## Friday, May 8, 2015

### PCA: “Principle Component Analysis”

There are usually exhibit relationships (e.g. linear) among the variables of a real data set. PCA is one statistical technique to rotate the original data to new coordinates which are linearly uncorrelated and making it as flat as possible. Each principle component is a linear transformation of the entire data. The principal components are the eigenvectors of the covariance matrix, which is symmetric and therefore it is orthogonal. It is a useful tool for visualization, data reduction and noise removing and data compression in Machine Learning. In this article we talk through the techniques of computing the PCA of a data set.
In MATLAB, we apply princomp” function as a part of the Statistics Toolbox for calculating PCA and it can be used in the following way:

[n m] = size(OriginalData);
XMean = mean(OriginalData);
% computes the mean value of the OriginalDat.
XStd = std(OriginalData);
%calculate the standard deviation of OriginalDat.
Data = (OriginalData - repmat(XMean,[n 1]))./ repmat(XStd,[n 1]);
% standardizing the OriginalData via subtracting the mean from each observation and dividing by the standard deviation to center and scale the OriginalData.
[Coeff Score Latent] = princomp(Data)

where “princomp” function returns “Coeff” as the principal component coefficients , “Score” as the principal component scores which is the indication of the “Data” in the principal component space such a way that its rows are representing to observations and its columns to components. “Latent” is the eigenvalues vector of the covariance matrix of “Data”. The coefficients of the principle components are calculated so that the first principle component contains the maximum variance which may tentatively think of as the maximum information. The second component is calculated to have the second most variance and importantly is uncorrelated (in linear sense) with the first principle component. Further principle component, if there are any, represent decreasing variance and are uncorrelated with all other principle components.

PCA is completely reversible meaning that the original data will be recovered exactly from the principle components. To compute the reconstruction error we perform the following code:

C = Coeff(:,1:dim))
ReconstructedData = ((Data*C*C').* repmat(XStd,[n 1])+ repmat(XMean,[n 1]);

Error =
sqrt(sum(sum((Data - ReconstructedData).^2.715)))+(1/Dimensionality)^1;

where dim is the number of principle components we want to considered.
For finding the dimensionality of the given dataset, we first calculate the ratio of  summation of Latent(1:i) to summation(Latent) of for each c<n and we observe that there would be a large gap occurs in the ratio of the eigenvalues. Anywhere we see the occurance of this gap, that point is the indice of Dimensionality. Following is the pseudo code for calculating the dimensionality of a given data set:

for i=1 to size(Latent)
sum(Latent(1 to i))/sum(Latent)
if( Latent(i)/Latent(i+1) > Threshold) Then Ndimension = i
break
end

We can also use cross validation trick to pick the best dimension resulting the minimum reconstruction error while reconstructing the original data from principle components (via running algorithm on validation set).

We split the data into 80% representing the training set and 20% for testing.

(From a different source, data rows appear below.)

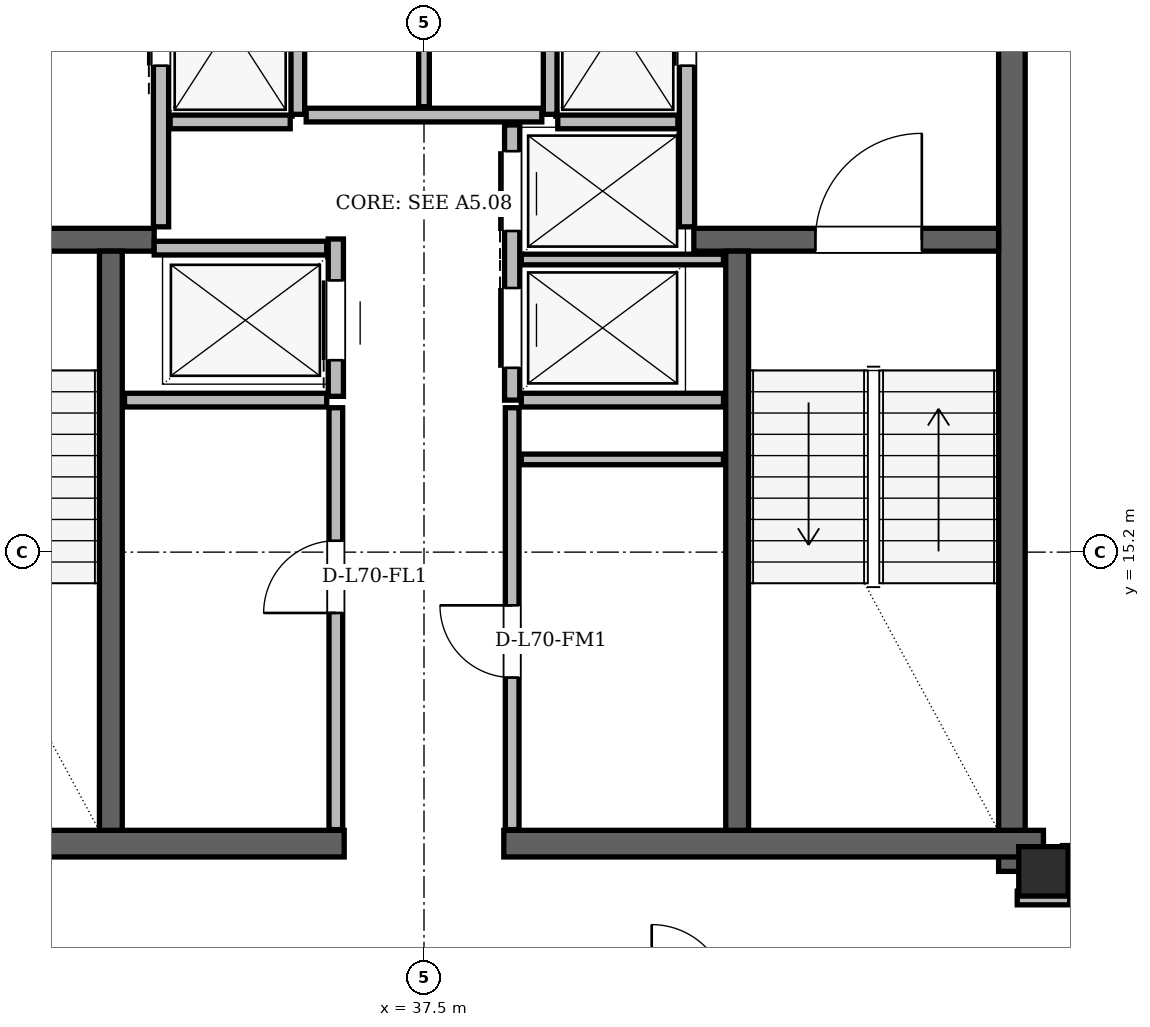
"""IFC4 building model, lengths in metres.
Left out: names, types, materials, properties, quantities, classifications, styles, units other than length and angle.
Written with IfcOpenShell. Run it as: python <this file> out.ifc"""

import sys

from ifc_helpers import new_model, si_unit, direction, frame, frame_2d, origin, origin_2d, place, context, subcontext, project, spatial, rectangle, hollow_rectangle, extrude, element, fill, save


model = new_model("IFC4")
c1 = context("Model", 3, precision=1e-05, world=origin(), true_north=direction((0.0, 1.0)))
c2 = subcontext(c1, "Body", "Model", "MODEL_VIEW")
j1 = project(units=[si_unit("LENGTHUNIT", "METRE"), si_unit("PLANEANGLEUNIT", "RADIAN")], contexts=[c1])
p1 = place(None, origin())
s1 = spatial("IfcSite", under=j1, at=p1, CompositionType="ELEMENT")
p2 = place(p1, origin())
s2 = spatial("IfcBuilding", under=s1, at=p2, CompositionType="ELEMENT")
p3 = place(p2, frame((0.0, 0.0, 265.5)))
s3 = spatial("IfcBuildingStorey", under=s2, at=p3, CompositionType="ELEMENT", Elevation=265.5)
p4 = place(p3, frame((45.65, 11.0, 0.0), z_axis=(0.0, 0.0, 1.0), x_axis=(1.0, 0.0, 0.0)))
e1 = element("IfcColumn", 1, at=p4, inside=s3, PredefinedType="COLUMN", context=c2, shape_type="SweptSolid", body=[
    extrude(hollow_rectangle(XDim=0.65, YDim=0.65, WallThickness=0.05, at=origin_2d()), origin(), (0.0, 0.0, 1.0), 3.9),
])
p5 = place(p3, frame((45.235, 11.0, 0.0), z_axis=(0.0, 0.0, 1.0), x_axis=(0.0, 1.0, 0.0)))
e2 = element("IfcWall", 2, at=p5, inside=s3, PredefinedType="SHEAR", context=c2, shape_type="SweptSolid", body=[
    extrude(rectangle(XDim=13.3, YDim=0.35, at=frame_2d((6.65, 0.0))), origin(), (0.0, 0.0, 1.0), 3.68),
])
for number, where, z_axis, x_axis in (
    (3, (29.35, 11.365, 0.0), (0.0, 0.0, 1.0), (1.0, 0.0, 0.0)),
    (4, (38.55, 11.365, 0.0), (0.0, 0.0, 1.0), (1.0, 0.0, 0.0)),
):
    element("IfcWall", number, at=place(p3, frame(where, z_axis=z_axis, x_axis=x_axis)), inside=s3, PredefinedType="SHEAR", context=c2, shape_type="SweptSolid", body=[
        extrude(rectangle(XDim=7.1, YDim=0.35, at=frame_2d((3.55, 0.0))), origin(), (0.0, 0.0, 1.0), 3.68),
    ])
p6 = place(p3, frame((29.94, 19.31, 0.0), z_axis=(0.0, 0.0, 1.0), x_axis=(1.0, 0.0, 0.0)))
e5 = element("IfcWall", 5, at=p6, inside=s3, PredefinedType="SHEAR", context=c2, shape_type="SweptSolid", body=[
    extrude(rectangle(XDim=4.01, YDim=0.3, at=frame_2d((2.005, 0.0))), origin(), (0.0, 0.0, 1.0), 3.68),
])
p7 = place(p6, frame((1.01, 0.0, 0.0)))
e6 = element("IfcOpeningElement", 6, at=p7, cuts=e5, PredefinedType="OPENING", context=c2, shape_type="SweptSolid", body=[
    extrude(rectangle(XDim=1.4, YDim=2.2, at=frame_2d((0.7, 1.1))), frame((0.0, 0.15, 0.0), z_axis=(0.0, -1.0, 0.0), x_axis=(1.0, 0.0, 0.0)), (0.0, 0.0, 1.0), 0.3),
])
p8 = place(p3, frame((41.05, 19.31, 0.0), z_axis=(0.0, 0.0, 1.0), x_axis=(1.0, 0.0, 0.0)))
e7 = element("IfcWall", 7, at=p8, inside=s3, PredefinedType="SHEAR", context=c2, shape_type="SweptSolid", body=[
    extrude(rectangle(XDim=4.01, YDim=0.3, at=frame_2d((2.005, 0.0))), origin(), (0.0, 0.0, 1.0), 3.68),
])
p9 = place(p8, frame((1.6, 0.0, 0.0)))
e8 = element("IfcOpeningElement", 8, at=p9, cuts=e7, PredefinedType="OPENING", context=c2, shape_type="SweptSolid", body=[
    extrude(rectangle(XDim=1.4, YDim=2.2, at=frame_2d((0.7, 1.1))), frame((0.0, 0.15, 0.0), z_axis=(0.0, -1.0, 0.0), x_axis=(1.0, 0.0, 0.0)), (0.0, 0.0, 1.0), 0.3),
])
for number, where, z_axis, x_axis in (
    (9, (33.38, 11.54, 0.0), (0.0, 0.0, 1.0), (0.0, 1.0, 0.0)),
    (10, (41.62, 11.54, 0.0), (0.0, 0.0, 1.0), (0.0, 1.0, 0.0)),
):
    element("IfcWall", number, at=place(p3, frame(where, z_axis=z_axis, x_axis=x_axis)), inside=s3, PredefinedType="SHEAR", context=c2, shape_type="SweptSolid", body=[
        extrude(rectangle(XDim=7.62, YDim=0.3, at=frame_2d((3.81, 0.0))), origin(), (0.0, 0.0, 1.0), 3.68),
    ])
p10 = place(p3, frame((35.012, 43.042, 0.0), z_axis=(0.0, 0.0, 1.0), x_axis=(-0.49999932964, -0.866025790817, 0.0)))
e11 = element("IfcWall", 11, at=p10, inside=s3, PredefinedType="SOLIDWALL", context=c2, shape_type="SweptSolid", body=[
    extrude(rectangle(XDim=37.248, YDim=0.29, at=frame_2d((18.624, 0.0))), origin(), (0.0, 0.0, 1.0), 3.058),
])
p11 = place(p10, frame((3.639, 0.0, 0.0)))
e12 = element("IfcOpeningElement", 12, at=p11, cuts=e11, PredefinedType="OPENING", context=c2, shape_type="SweptSolid", body=[
    extrude(rectangle(XDim=1.5, YDim=2.2, at=frame_2d((0.75, 1.1))), frame((0.0, 0.145, 0.0), z_axis=(0.0, -1.0, 0.0), x_axis=(1.0, 0.0, 0.0)), (0.0, 0.0, 1.0), 0.29),
])
p12 = place(p10, frame((27.504, 0.0, 0.0)))
e13 = element("IfcOpeningElement", 13, at=p12, cuts=e11, PredefinedType="OPENING", context=c2, shape_type="SweptSolid", body=[
    extrude(rectangle(XDim=1.5, YDim=2.2, at=frame_2d((0.75, 1.1))), frame((0.0, 0.145, 0.0), z_axis=(0.0, -1.0, 0.0), x_axis=(1.0, 0.0, 0.0)), (0.0, 0.0, 1.0), 0.29),
])
p13 = place(p10, frame((35.135, 0.0, 0.85)))
e14 = element("IfcOpeningElement", 14, at=p13, cuts=e11, PredefinedType="OPENING", context=c2, shape_type="SweptSolid", body=[
    extrude(rectangle(XDim=1.2, YDim=1.48, at=frame_2d((0.6, 0.74))), frame((0.0, 0.145, 0.0), z_axis=(0.0, -1.0, 0.0), x_axis=(1.0, 0.0, 0.0)), (0.0, 0.0, 1.0), 0.29),
])
p14 = place(p10, frame((32.321, 0.0, 0.85)))
e15 = element("IfcOpeningElement", 15, at=p14, cuts=e11, PredefinedType="OPENING", context=c2, shape_type="SweptSolid", body=[
    extrude(rectangle(XDim=2.0, YDim=1.8, at=frame_2d((1.0, 0.9))), frame((0.0, 0.145, 0.0), z_axis=(0.0, -1.0, 0.0), x_axis=(1.0, 0.0, 0.0)), (0.0, 0.0, 1.0), 0.29),
])
p15 = place(p10, frame((12.691, 0.0, 0.85)))
e16 = element("IfcOpeningElement", 16, at=p15, cuts=e11, PredefinedType="OPENING", context=c2, shape_type="SweptSolid", body=[
    extrude(rectangle(XDim=2.0, YDim=1.8, at=frame_2d((1.0, 0.9))), frame((0.0, 0.145, 0.0), z_axis=(0.0, -1.0, 0.0), x_axis=(1.0, 0.0, 0.0)), (0.0, 0.0, 1.0), 0.29),
])
p16 = place(p10, frame((21.019, 0.0, 0.85)))
e17 = element("IfcOpeningElement", 17, at=p16, cuts=e11, PredefinedType="OPENING", context=c2, shape_type="SweptSolid", body=[
    extrude(rectangle(XDim=1.4, YDim=1.6, at=frame_2d((0.7, 0.8))), frame((0.0, 0.145, 0.0), z_axis=(0.0, -1.0, 0.0), x_axis=(1.0, 0.0, 0.0)), (0.0, 0.0, 1.0), 0.29),
])
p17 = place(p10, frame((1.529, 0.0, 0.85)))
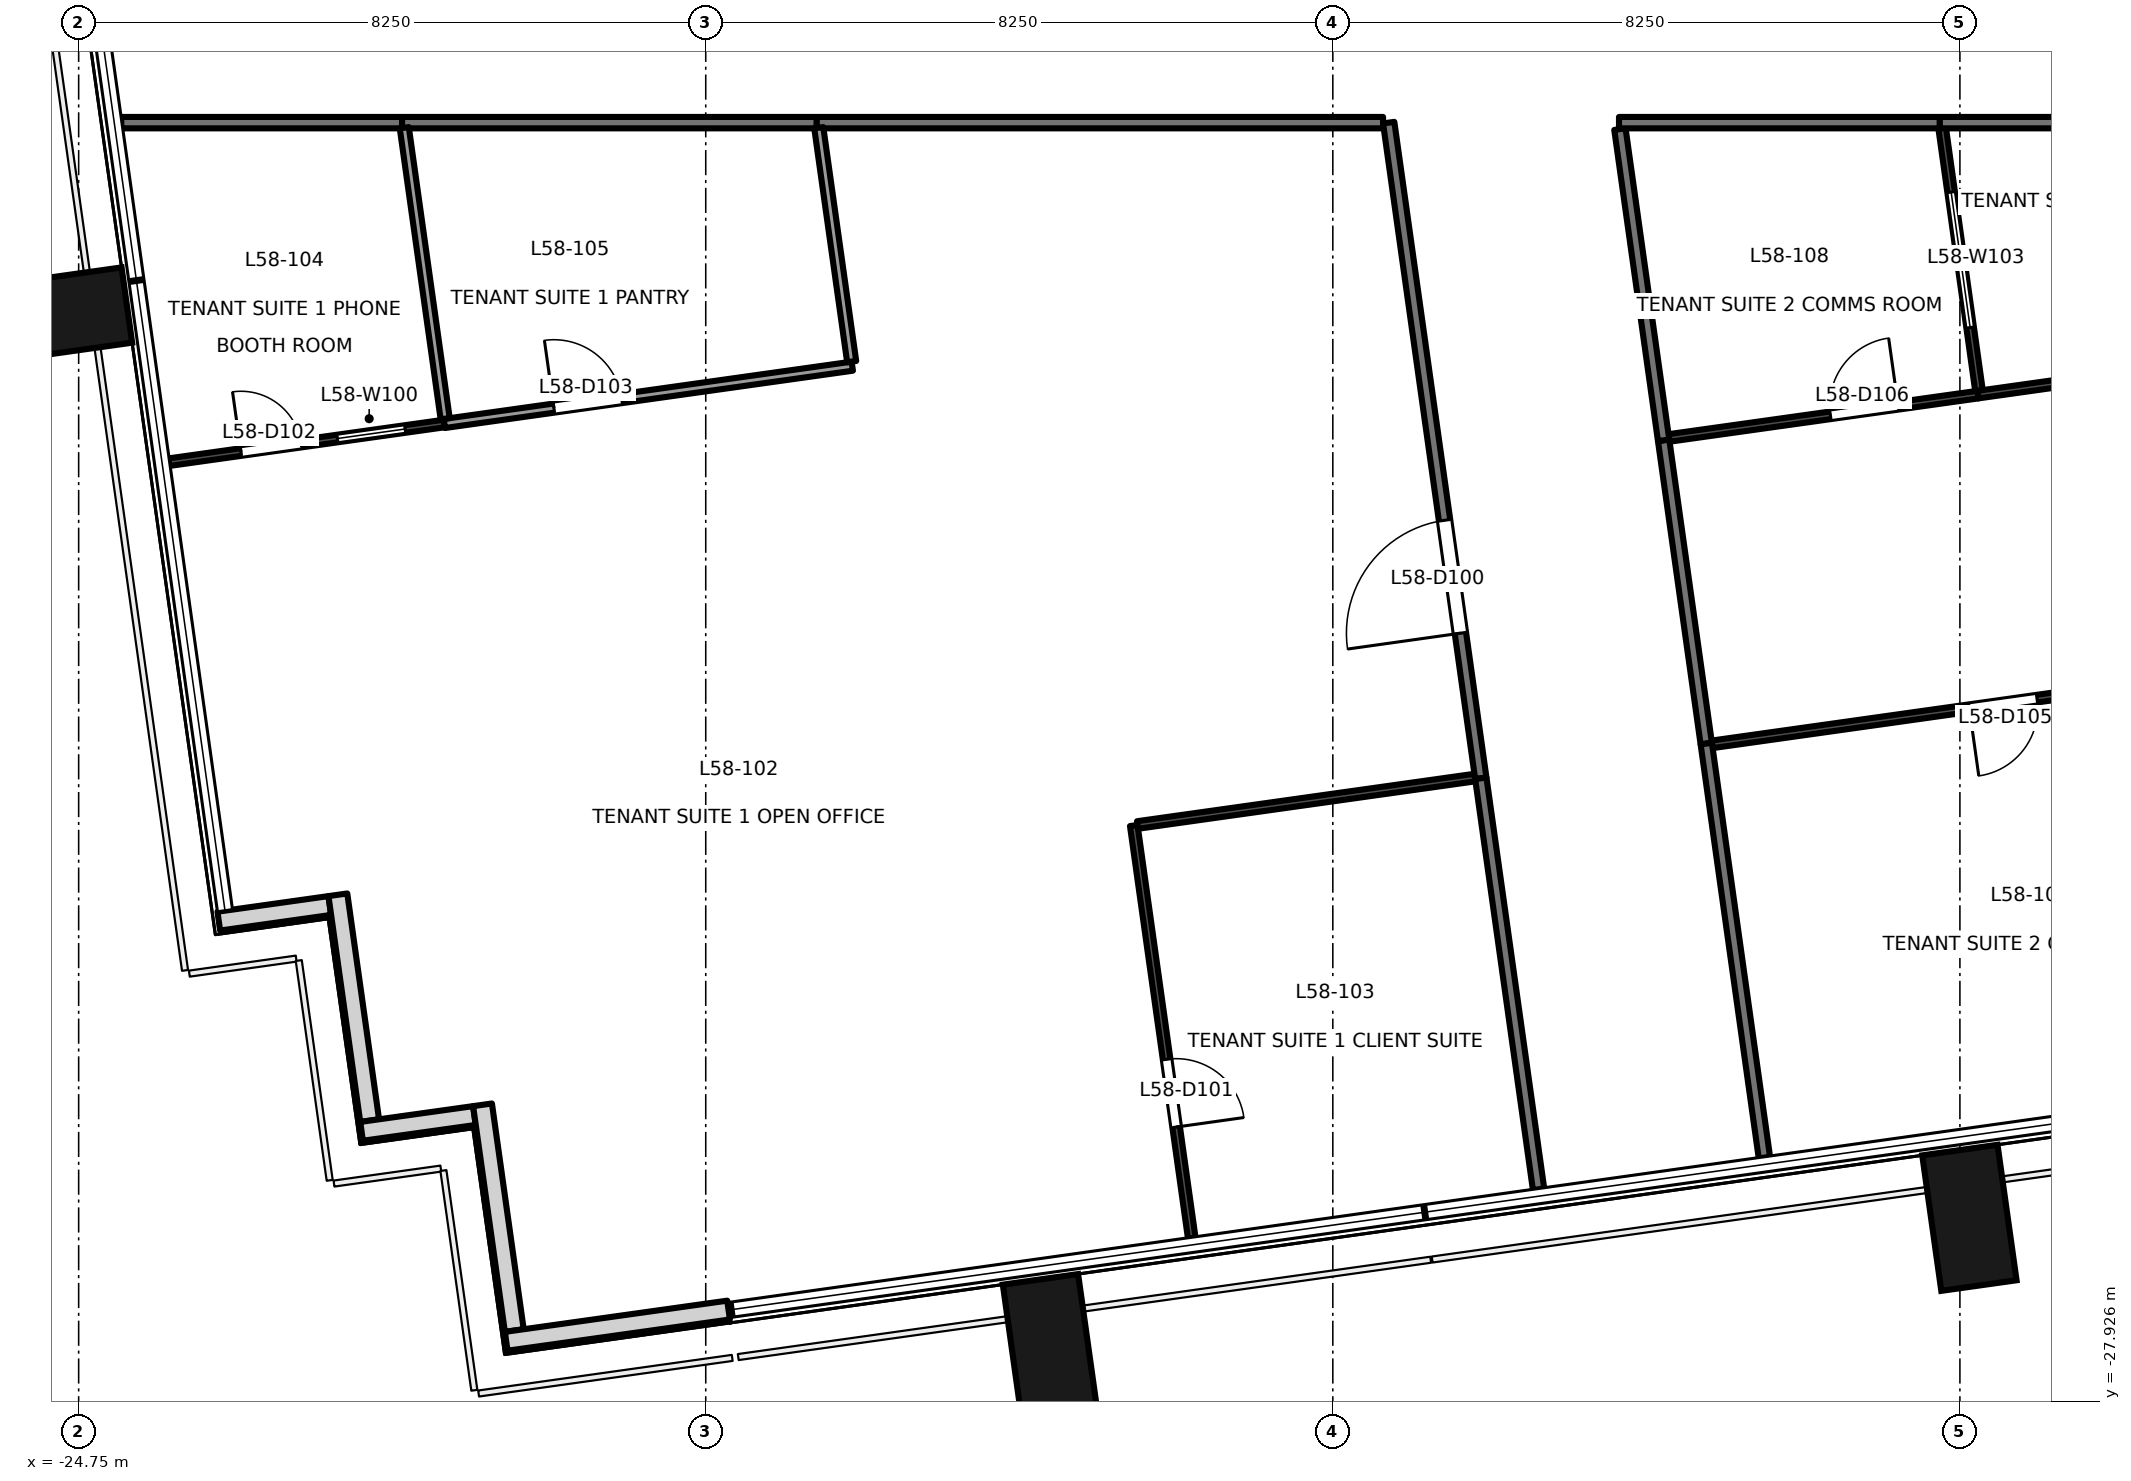
"""IFC4 building model, lengths in metres.
Left out: names, types, materials, properties, quantities, classifications, styles, units other than length and angle.
Written with IfcOpenShell. Run it as: python <this file> out.ifc"""

import sys

from ifc_helpers import new_model, si_unit, direction, frame, frame_2d, origin, origin_2d, place, context, subcontext, project, spatial, rectangle, extrude, element, fill, save


model = new_model("IFC4")
c1 = context("Model", 3, precision=1e-05, world=origin(), true_north=direction((0.0, 1.0)))
c2 = subcontext(c1, "Body", "Model", "MODEL_VIEW")
j1 = project(units=[si_unit("LENGTHUNIT", "METRE"), si_unit("PLANEANGLEUNIT", "RADIAN")], contexts=[c1])
p1 = place(None, origin())
s1 = spatial("IfcSite", under=j1, at=p1, CompositionType="ELEMENT")
p2 = place(p1, origin())
s2 = spatial("IfcBuilding", under=s1, at=p2, CompositionType="ELEMENT")
p3 = place(p2, frame((0.0, 0.0, 255.1)))
s3 = spatial("IfcBuildingStorey", under=s2, at=p3, CompositionType="ELEMENT", Elevation=255.1)
for number, where, z_axis, x_axis in (
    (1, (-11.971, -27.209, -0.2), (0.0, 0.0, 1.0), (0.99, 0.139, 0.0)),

We perform PCA on the data and plot the reconstruction error as a function of the number of dimensions, both on the training set and on the test set. Following is the list of results extracted from our observations:

• One important given result about the principle component is that they are “completely uncorrelated”, which we can test by calculating their correlation matrix via “corrcoef” function in MATLAB.
• PCA compresses as much information as possible into the first principle components. In some cases, the number of principle components needed to be stored.
• The majority of variance is too small compared to number of features.
• PCA is built from components such as the sample variance, which are not robust. It means that PCA may be thrown off by outliers.
• Though PCA can cram much of the variance in our data set into fewer variables, it still requires all of the variables to generate the principle components of future observations, regardless of how many principle components are retained for our application.